6. Fan out traces to third-party platforms

Set FLEETFORGE_TRACE_EXPORTERS=langsmith,langfuse,phoenix (any comma-separated combination) to fan out every outbox event to your preferred observability platforms while Kafka/ClickHouse remain the system of record. Exporters are distributed as optional plugins: drop a manifest such as plugins/exporters/langsmith.toml containing name = "langsmith" (and optionally enabled = true) on disk before turning on the env var. Without a manifest the runtime ignores the exporter and continues using the OTEL collector as the blessed default. Each exporter expects service-specific credentials:

  • LangSmithLANGSMITH_API_KEY (optional: LANGSMITH_API_URL, LANGSMITH_DATASET_ID)
  • LangfuseLANGFUSE_PUBLIC_KEY, LANGFUSE_SECRET_KEY (optional: LANGFUSE_BASE_URL)
  • PhoenixPHOENIX_API_KEY (optional: PHOENIX_BASE_URL, PHOENIX_WORKSPACE)

The runtime delivers the canonical run/step envelope (including trace metadata) to the configured APIs using reqwest over HTTPS. Failures are logged as warnings but do not block the primary Kafka/ClickHouse pipeline.

7. Kafka / Outbox configuration checklist

FleetForge’s outbox forwarder delivers events via Kafka/Redpanda. By default it operates in at-least-once mode; you must supply the correct producer and consumer settings to reach effectively-exactly-once semantics.

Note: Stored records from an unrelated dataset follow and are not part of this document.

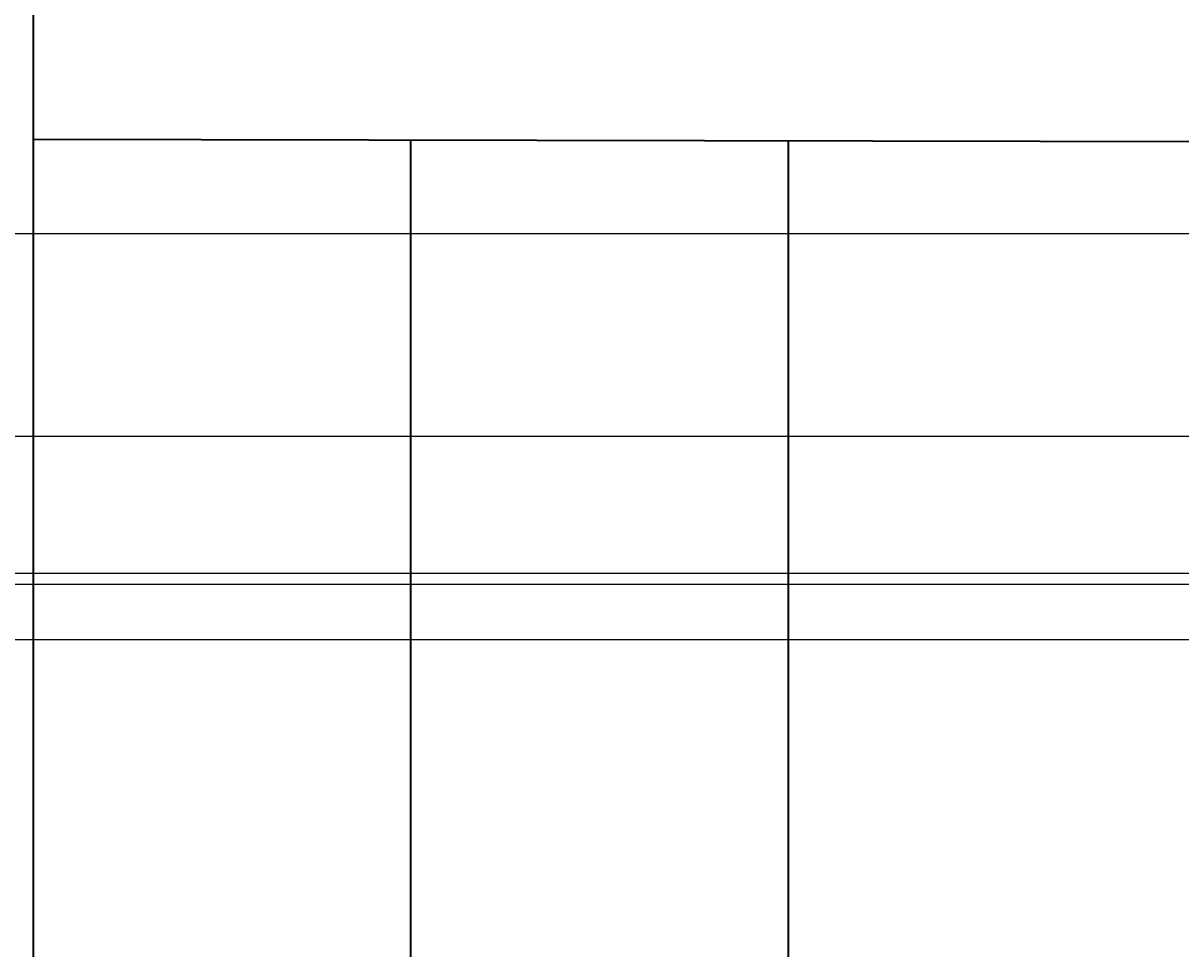
# Model space of a CAD drawing. Units: inches. Extents: x 27 to 200, y -50 to 102.
# Tile 9 of 26: x 89 to 117, y -3 to 19. Entities that reach past the tile are written whole.
import ezdxf

# ---------------------------------------------------------------- set-up
doc = ezdxf.new("R2010")
doc.units = ezdxf.units.IN
doc.header["$MEASUREMENT"] = 0
doc.layers.add('A-ANNO-DIMS', color=2, linetype='Continuous', lineweight=18)
doc.layers.add('A-ELEV', color=7, linetype='Continuous', lineweight=35)
doc.styles.get("Standard").update_dxf_attribs({"font": 'arial.ttf'})
doc.dimstyles.get("Standard").update_dxf_attribs({"dimtxt": 0.18, "dimasz": 0.18, "dimexe": 0.18, "dimexo": 0.0625, "dimgap": 0.09, "dimtad": 0, "dimtih": 1, "dimtoh": 1, "dimdec": 4, "dimzin": 0, "dimdsep": 46, "dimtxsty": 'Standard', "dimcen": 0.09, "dimadec": 0, "dimazin": 0, "dimtfac": 1, "dimtdec": 4, "dimtofl": 0, "dimtmove": 0, "dimatfit": 3, "dimfxl": 1, "dimtolj": 1, "dimtzin": 0, "dimarcsym": 0})

# ---------------------------------------------------------------- blocks, each defined once
blk = doc.blocks.new('*D48')
at = {"layer": 'A-ANNO-DIMS', "color": 0, "lineweight": -2, "transparency": 16777216}
for p, q in [((84.479, 44.926), (199.797, 44.926)), ((199.617, 44.746), (199.617, 14.26)), ((199.617, -16.589), (199.617, 13.897)), ((84.479, -16.769), (199.797, -16.769))]:
    blk.add_line(p, q, dxfattribs=at)
at = {"layer": 'A-ANNO-DIMS', "color": 0, "transparency": 16777216}
for points in [[(199.587, 44.746), (199.647, 44.746), (199.617, 44.926)], [(199.587, -16.589), (199.647, -16.589), (199.617, -16.769)]]:
    blk.add_solid(points, dxfattribs=at)
at = {"layer": 'Defpoints', "color": 0, "transparency": 16777216}
for p in [(84.417, 44.926), (199.617, 44.926), (84.417, -16.769)]:
    blk.add_point(p, dxfattribs=at)
at = {"layer": 'A-ANNO-DIMS', "color": 0, "transparency": 16777216, "insert": (199.617, 14.079), "char_height": 0.18, "attachment_point": 5}
blk.add_mtext('\\A1;61.7', dxfattribs=at)
blk = doc.blocks.new('*D54')
at = {"layer": 'A-ANNO-DIMS', "color": 0, "lineweight": -2, "transparency": 16777216}
for p, q in [((120.833, 13.977), (27.037, 13.977)), ((27.217, 13.797), (27.217, 11.743)), ((27.217, 9.324), (27.217, 11.379)), ((120.833, 9.144), (27.037, 9.144))]:
    blk.add_line(p, q, dxfattribs=at)
at = {"layer": 'A-ANNO-DIMS', "color": 0, "transparency": 16777216}
for points in [[(27.187, 13.797), (27.247, 13.797), (27.217, 13.977)], [(27.187, 9.324), (27.247, 9.324), (27.217, 9.144)]]:
    blk.add_solid(points, dxfattribs=at)
at = {"layer": 'Defpoints', "color": 0, "transparency": 16777216}
for p in [(27.217, 13.977), (120.895, 13.977), (120.895, 9.144)]:
    blk.add_point(p, dxfattribs=at)
at = {"layer": 'A-ANNO-DIMS', "color": 0, "transparency": 16777216, "insert": (27.217, 11.561), "char_height": 0.18, "attachment_point": 5}
blk.add_mtext('\\A1;4.83', dxfattribs=at)
blk = doc.blocks.new('*D56')
at = {"layer": 'A-ANNO-DIMS', "color": 0, "lineweight": -2, "transparency": 16777216}
for p, q in [((121.225, 5.878), (27.037, 5.878)), ((27.217, 5.698), (27.217, -3.085)), ((27.217, -12.231), (27.217, -3.448)), ((121.225, -12.411), (27.037, -12.411))]:
    blk.add_line(p, q, dxfattribs=at)
at = {"layer": 'A-ANNO-DIMS', "color": 0, "transparency": 16777216}
for points in [[(27.187, 5.698), (27.247, 5.698), (27.217, 5.878)], [(27.187, -12.231), (27.247, -12.231), (27.217, -12.411)]]:
    blk.add_solid(points, dxfattribs=at)
at = {"layer": 'Defpoints', "color": 0, "transparency": 16777216}
for p in [(27.217, 5.878), (121.288, 5.878), (121.288, -12.411)]:
    blk.add_point(p, dxfattribs=at)
at = {"layer": 'A-ANNO-DIMS', "color": 0, "transparency": 16777216, "insert": (27.217, -3.267), "char_height": 0.18, "attachment_point": 5}
blk.add_mtext('\\A1;18.29', dxfattribs=at)
blk = doc.blocks.new('*D68')
at = {"layer": 'A-ANNO-DIMS', "color": 0, "lineweight": -2, "transparency": 16777216}
for p, q in [((145.153, 5.617), (27.037, 5.617)), ((27.217, 5.437), (27.217, 5.138)), ((27.217, 4.476), (27.217, 4.774)), ((145.153, 4.296), (27.037, 4.296))]:
    blk.add_line(p, q, dxfattribs=at)
at = {"layer": 'A-ANNO-DIMS', "color": 0, "transparency": 16777216}
for points in [[(27.187, 5.437), (27.247, 5.437), (27.217, 5.617)], [(27.187, 4.476), (27.247, 4.476), (27.217, 4.296)]]:
    blk.add_solid(points, dxfattribs=at)
at = {"layer": 'Defpoints', "color": 0, "transparency": 16777216}
for p in [(27.217, 5.617), (145.216, 5.617), (145.216, 4.296)]:
    blk.add_point(p, dxfattribs=at)
at = {"layer": 'A-ANNO-DIMS', "color": 0, "transparency": 16777216, "insert": (27.217, 4.956), "char_height": 0.18, "attachment_point": 5}
blk.add_mtext('\\A1;1.32', dxfattribs=at)

msp = doc.modelspace()

# ---------------------------------------------------------------- linework, layer by layer
at = {"layer": 'A-ELEV'}
for p, q in [((89.3118, -16.7693), (89.3118, 19.2307)), ((191.4102, 16.002), (89.3051, 16.2307)), ((98.3118, -16.7693), (98.3118, 16.2105)), ((107.3118, -16.7693), (107.3118, 16.1904))]:
    msp.add_line(p, q, dxfattribs=at)

# ---------------------------------------------------------------- dimensions: what is measured, and where the dimension line sits
at = {"layer": 'A-ANNO-DIMS'}
for base, p1, p2, override, picture, middle in [((199.6169, 44.9264), (84.4169, -16.7693), (84.4169, 44.9264), {"dimdec": 1, "dimlfac": 1, "dimrnd": 0, "dimzin": 0, "dimdsep": 46, "dimlunit": 2}, '*D48', (199.6169, 14.0786)), ((27.2169, 13.9773), (120.8954, 9.1438), (120.8954, 13.9773), {"dimdec": 2, "dimlfac": 1, "dimrnd": 0, "dimzin": 0, "dimdsep": 46, "dimlunit": 2}, '*D54', (27.2169, 11.5606)), ((27.2169, 5.8779), (121.2876, -12.411), (121.2876, 5.8779), {"dimdec": 2, "dimlfac": 1, "dimrnd": 0, "dimzin": 0, "dimdsep": 46, "dimlunit": 2}, '*D56', (27.2169, -3.2665)), ((27.2169, 5.6167), (145.216, 4.2959), (145.216, 5.6167), {"dimdec": 2, "dimlfac": 1, "dimrnd": 0, "dimzin": 0, "dimdsep": 46, "dimlunit": 2}, '*D68', (27.2169, 4.9563))]:
    dim = msp.add_linear_dim(base=base, p1=p1, p2=p2, angle=90, dimstyle='Standard', override=override, dxfattribs=at)
    dim.commit()
    dim.dimension.update_dxf_attribs({"geometry": picture, "text_midpoint": middle})

doc.saveas('drawing.dxf')

  1. Enable producer transactions

    • Set transactional.id=<unique-worker-id> in BusConfig (or via client_props).
    • Keep enable.idempotence=true (the forwarder sets this automatically).
    • This mirrors Confluent’s recommended transactional outbox flow—single DB write + Kafka transaction—avoiding dual writes and unlocking exactly-once delivery when paired with configured consumers.
  2. Harden consumers

    • Use isolation.level=read_committed so aborted transactions are filtered.
    • Continue de-duplicating on the outbox key (event.id) as defense in depth.
  3. Run the configuration smoke test

    • Execute just check-transactional-forwarder (or the equivalent CI step) with your configuration. The test confirms that the forwarder detects the transactional ID and that transactional() is enabled; failures surface misconfigurations before production.
  4. Fallback behaviour

    • Without a transactional ID the forwarder logs a warning and remains in at-least-once mode. Consumers must treat events idempotently in this mode.
  5. Monitor delivery metrics

    • Export the forwarder’s metrics (e.g., send success/failure counters) to observe retry storms or broker issues while tuning your deployment.